I have no idea what "pump time" is. Sounds like a 4th dimension. If your blood has no nutrients in it, your "pump time" is about as usefull to your workout as a penis pump.


----------



## JayBee (Aug 13, 2005)

i prefer to lift on an empty somach.. that way if i puke or something i didnt waste all that food.   my pre workout meal is about 2 hours before my workout.  then i eat everything and anything directly after a workout.


----------



## GFR (Aug 13, 2005)

JayBee said:
			
		

> i prefer to lift on an empty somach.. that way if i puke or something i didnt waste all that food*This is some funny stuff* .   my pre workout meal is about 2 hours before my workout.  then i eat everything and anything directly after a workout.


I never lift on an empty stomach, but will do cardio .
As far as eating 30 min after I agree with this.....but you can have whey protein immediately after a workout.


----------



## JayBee (Aug 14, 2005)

haha ya lately ive had a tendency to puke during workouts and since i buy all my own groceries now its like... i dont wanna fuckin waste it haha.


----------



## CowPimp (Aug 14, 2005)

I usually try to eat about 30-60 minutes before working out, again immediately after working, and finally once more another 30-60 minutes after my post workout meal.

I don't suggest lifting on an empty stomach.  If you are trying to put on mass, you should never do taxing physical activity on a totally empty stomach.


----------



## pereari (Aug 14, 2005)

why do you guys eat on a pre workout meal?????


----------



## ReelBigFish (Aug 14, 2005)

i'm guessing you meant "what". I eat 8-10 eggwhites and 1c. oats. 

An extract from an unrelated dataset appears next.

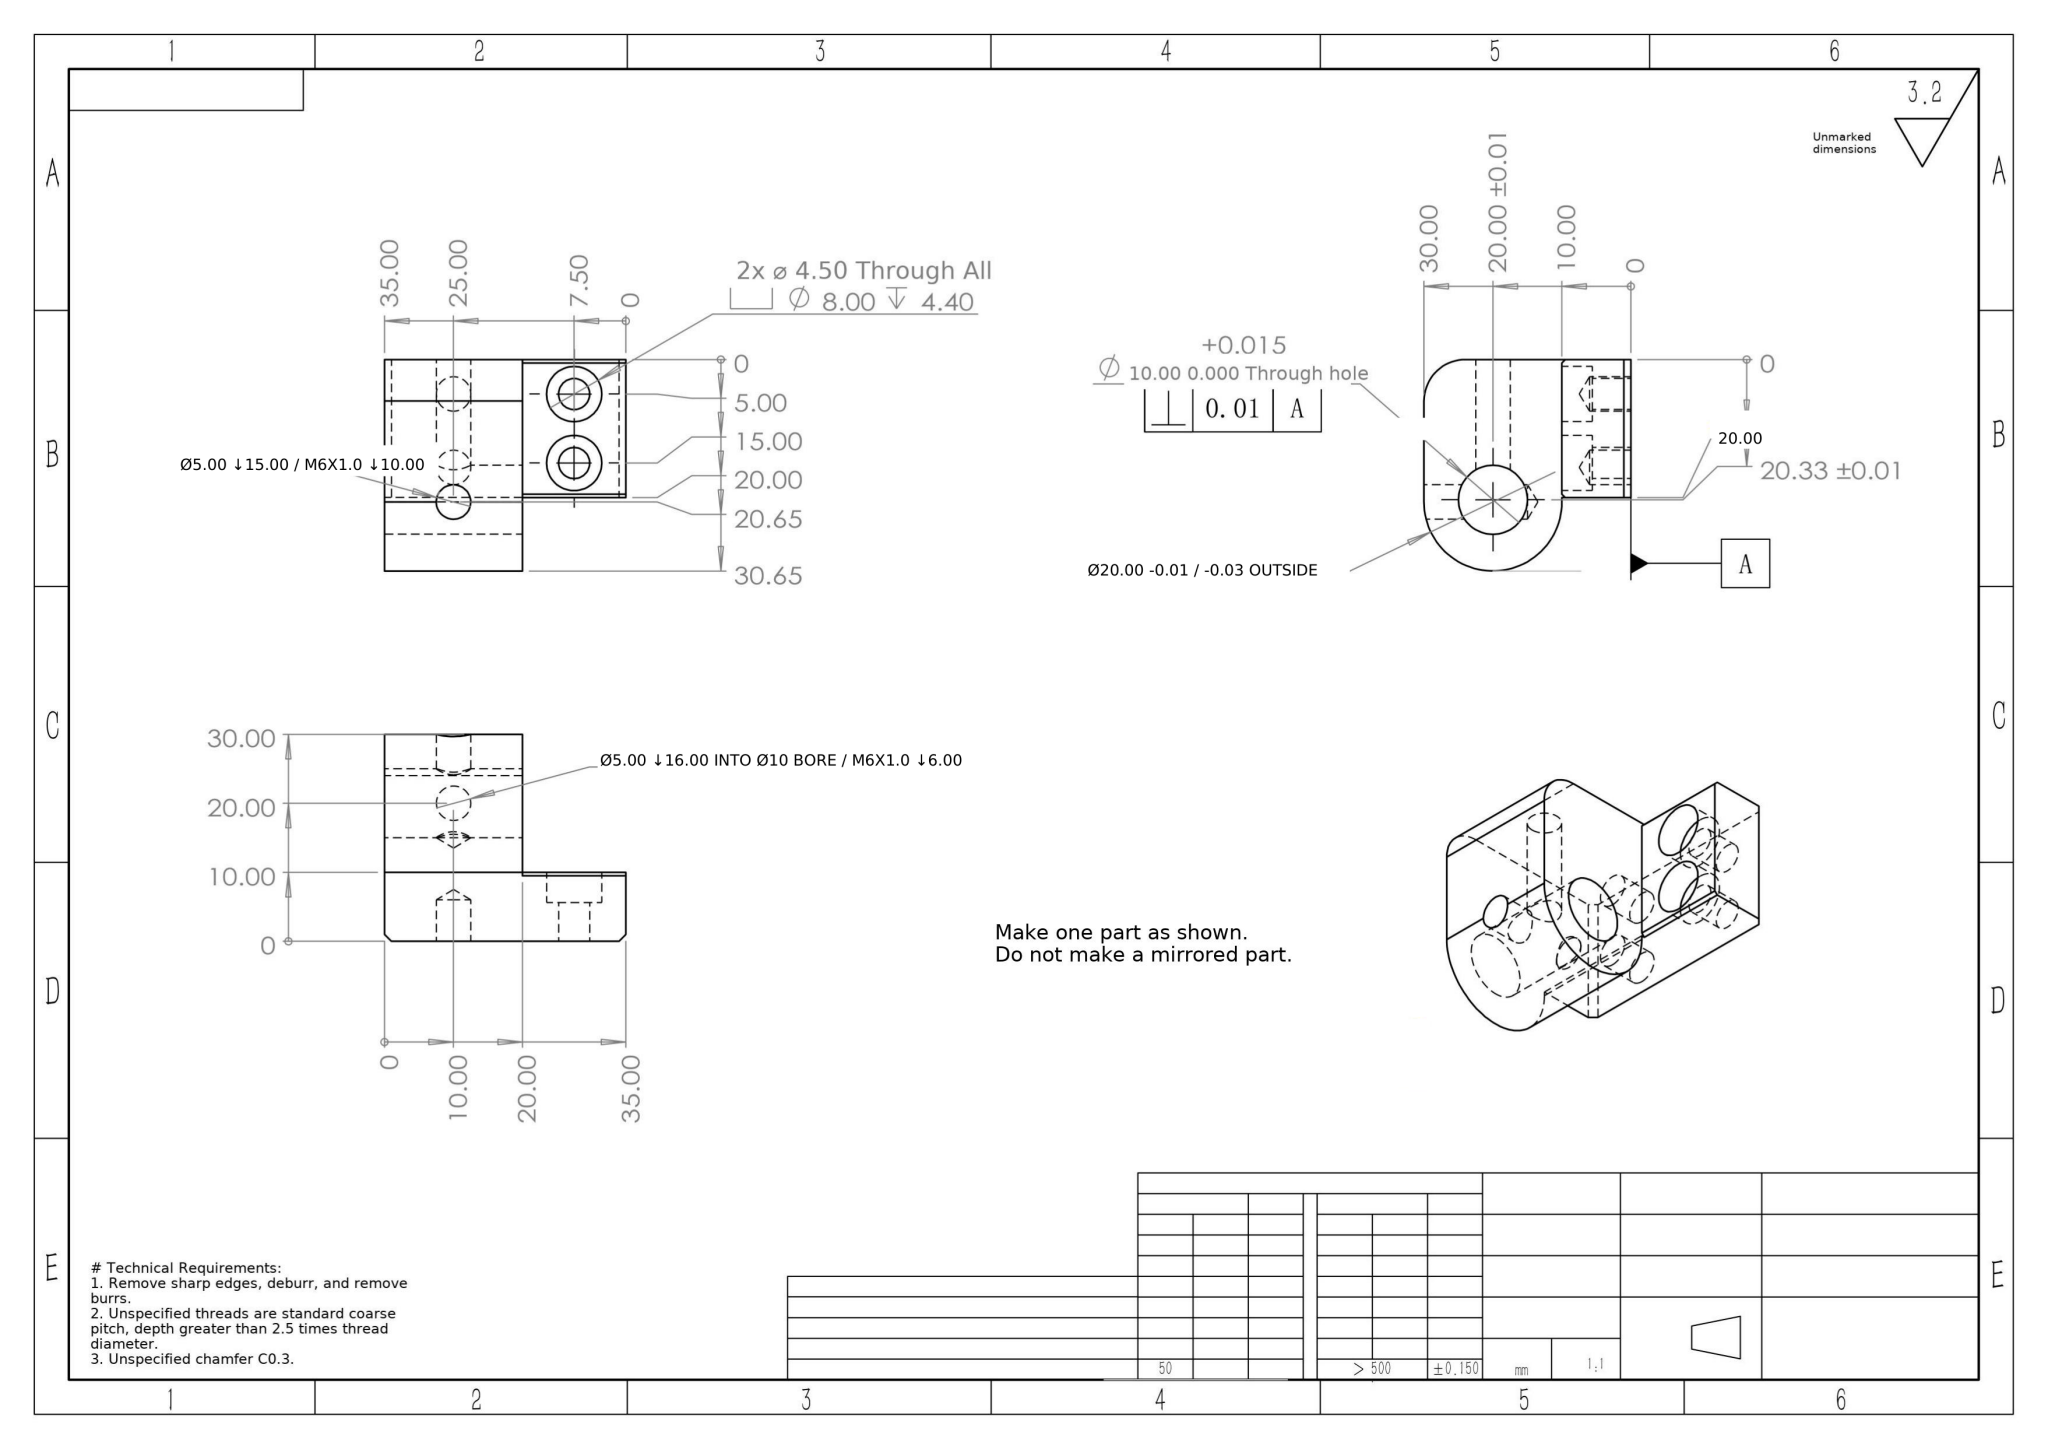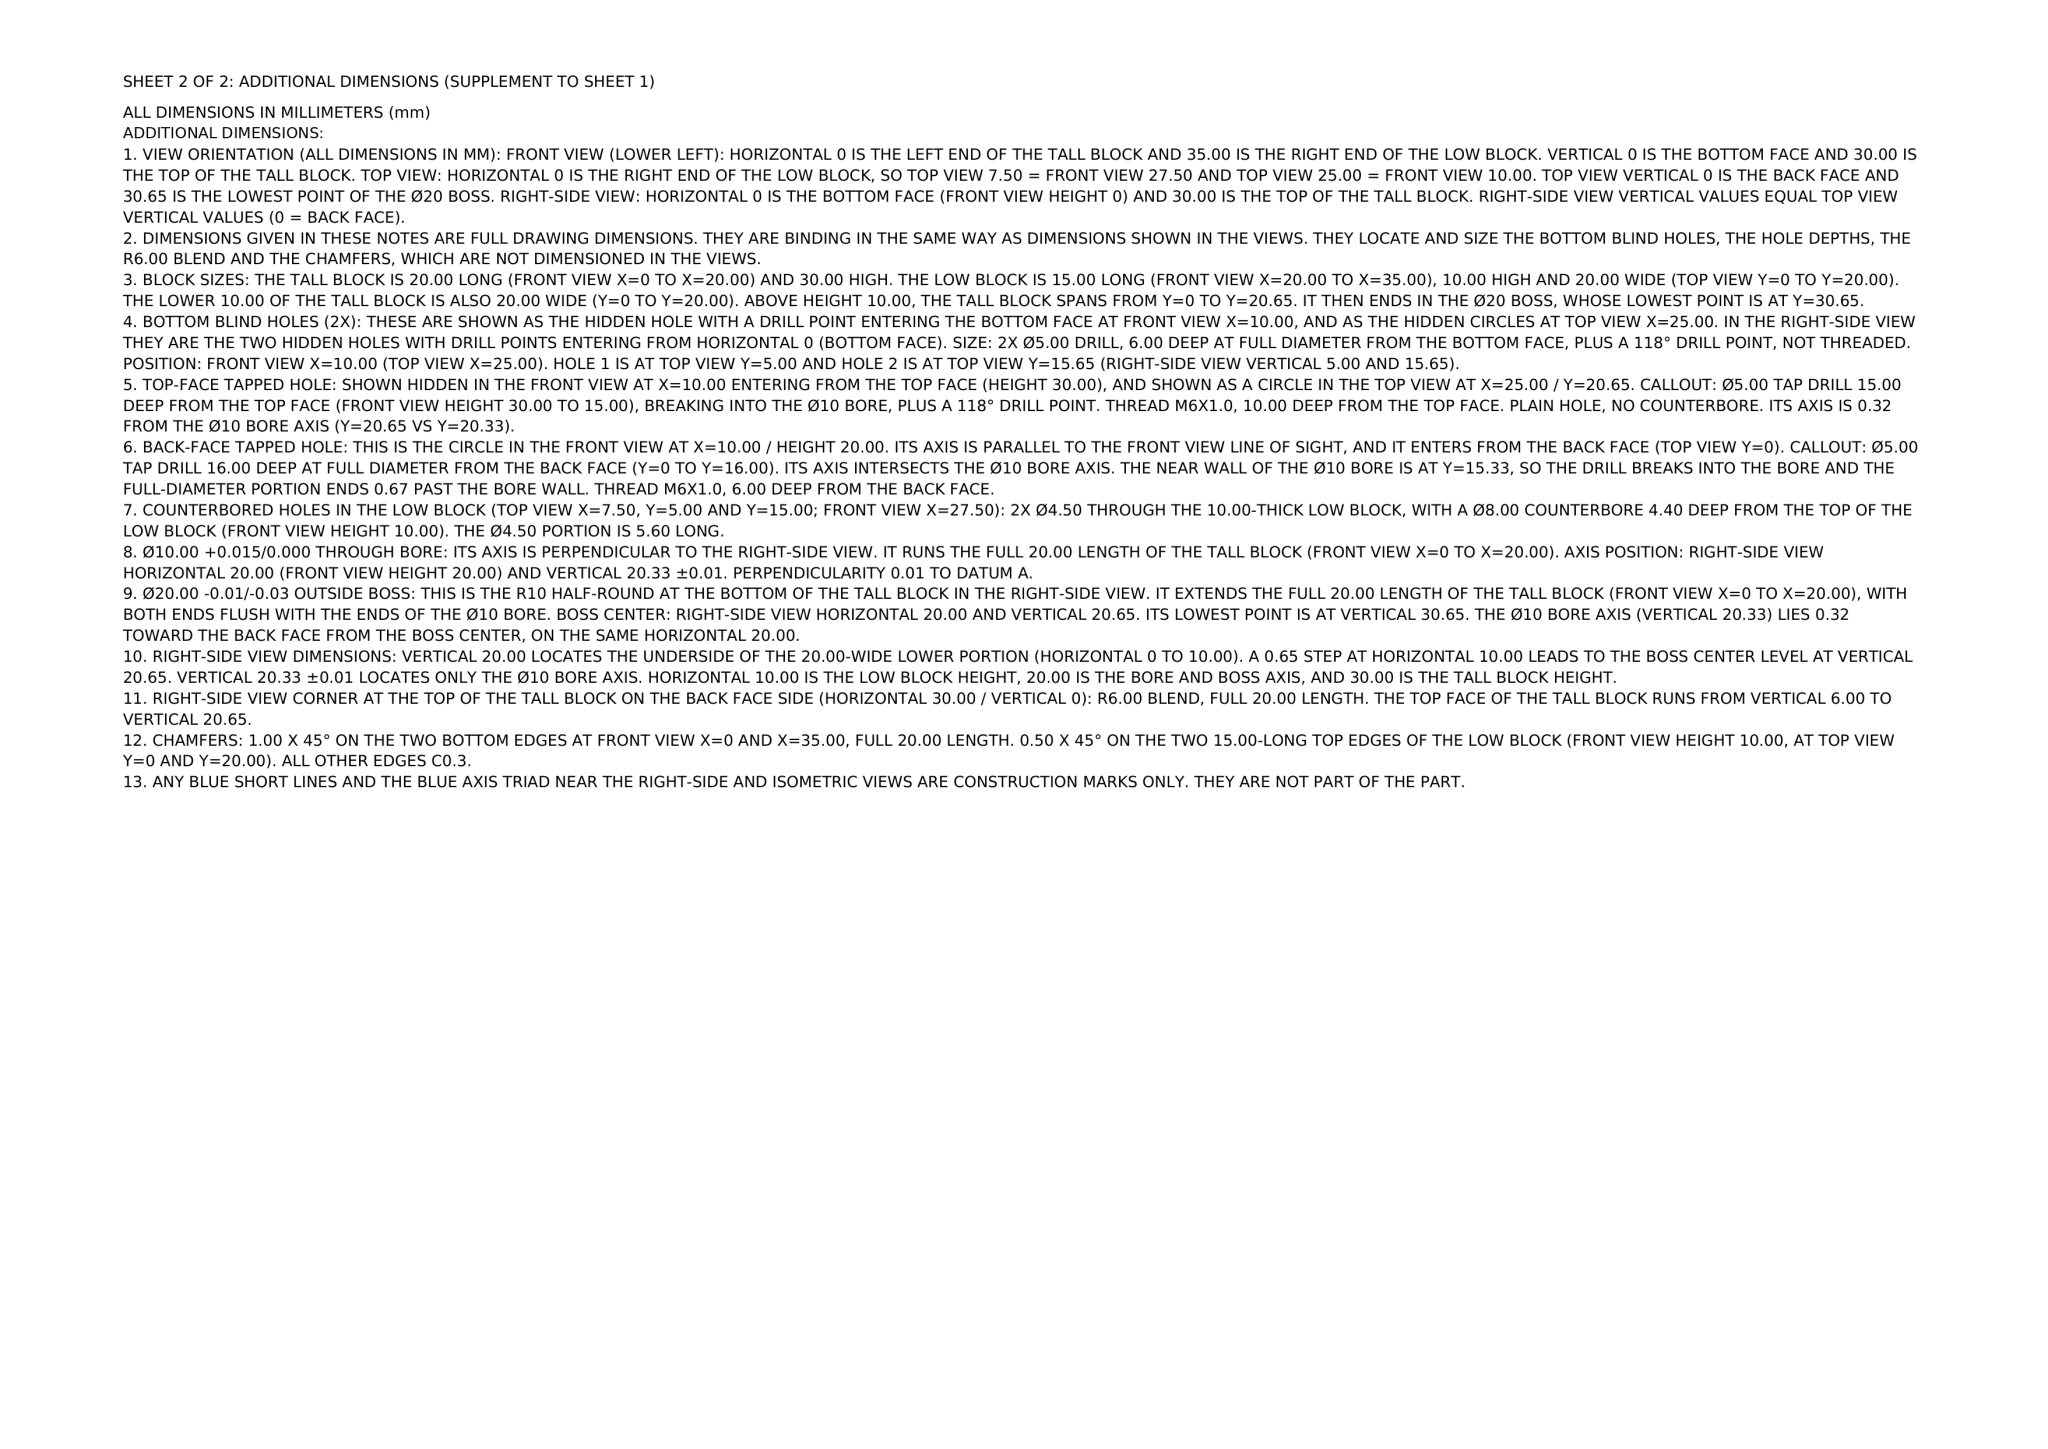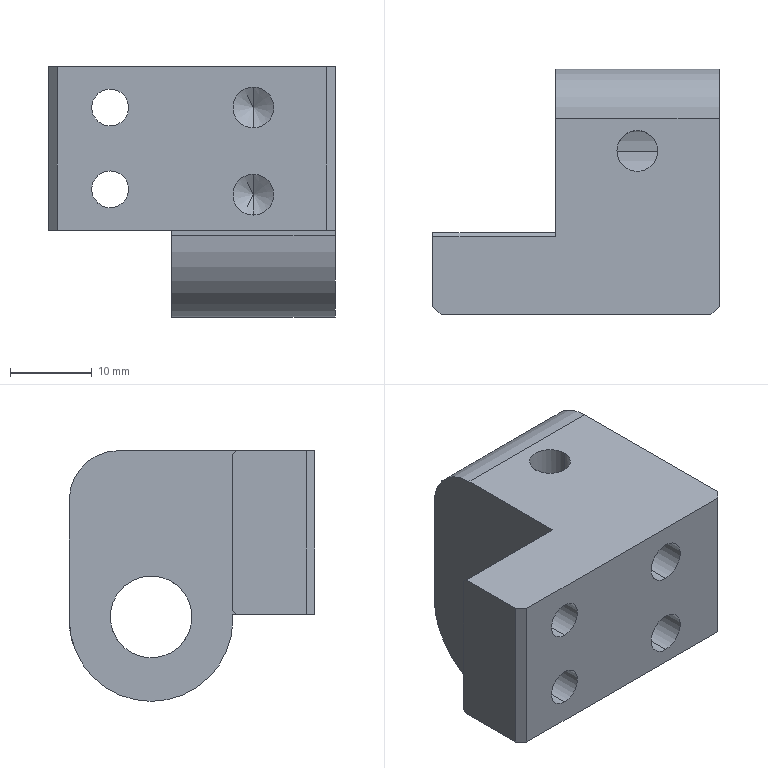Part | NX | mm | 1 solid | 45 faces | box 35 x 30 x 30.65 mm | volume 15359 mm3 | cylinder 24 | plane 15 | cone 6 | commonest cylinder face diameters 5 x11 8 x4 4.5 x4 10 x2 20 x2 12 x1

You should always eat before lifting. When you lift you're doing anaerobic activity which means your body is burning glycogen to create ATP, for energy to your muscles. w/out proper nutrition before, your body will burn muscle to make glucose, via glucogenisis. So EAT!


----------



## Mudge (Aug 14, 2005)

Right before my workout I dont take in a meal, just sugars (or a potato), creatine, and some whey protein. Then Gatorade during the workout.

I try not to eat a full meal unless its about an hour before actually going to the gym.


----------



## JayBee (Aug 14, 2005)

ReelBigFish said:
			
		

> i'm guessing you meant "what". I eat 8-10 eggwhites and 1c. oats.
> 
> You should always eat before lifting. When you lift you're doing anaerobic activity which means your body is burning glycogen to create ATP, for energy to your muscles. w/out proper nutrition before, your body will burn muscle to make glucose, via glucogenisis. So EAT!



i think after reading this, i will start eating before my workouts..


----------



## LAM (Aug 14, 2005)

ssickness said:
			
		

> Lifting on an empty stomach, will it effect me putting on mass?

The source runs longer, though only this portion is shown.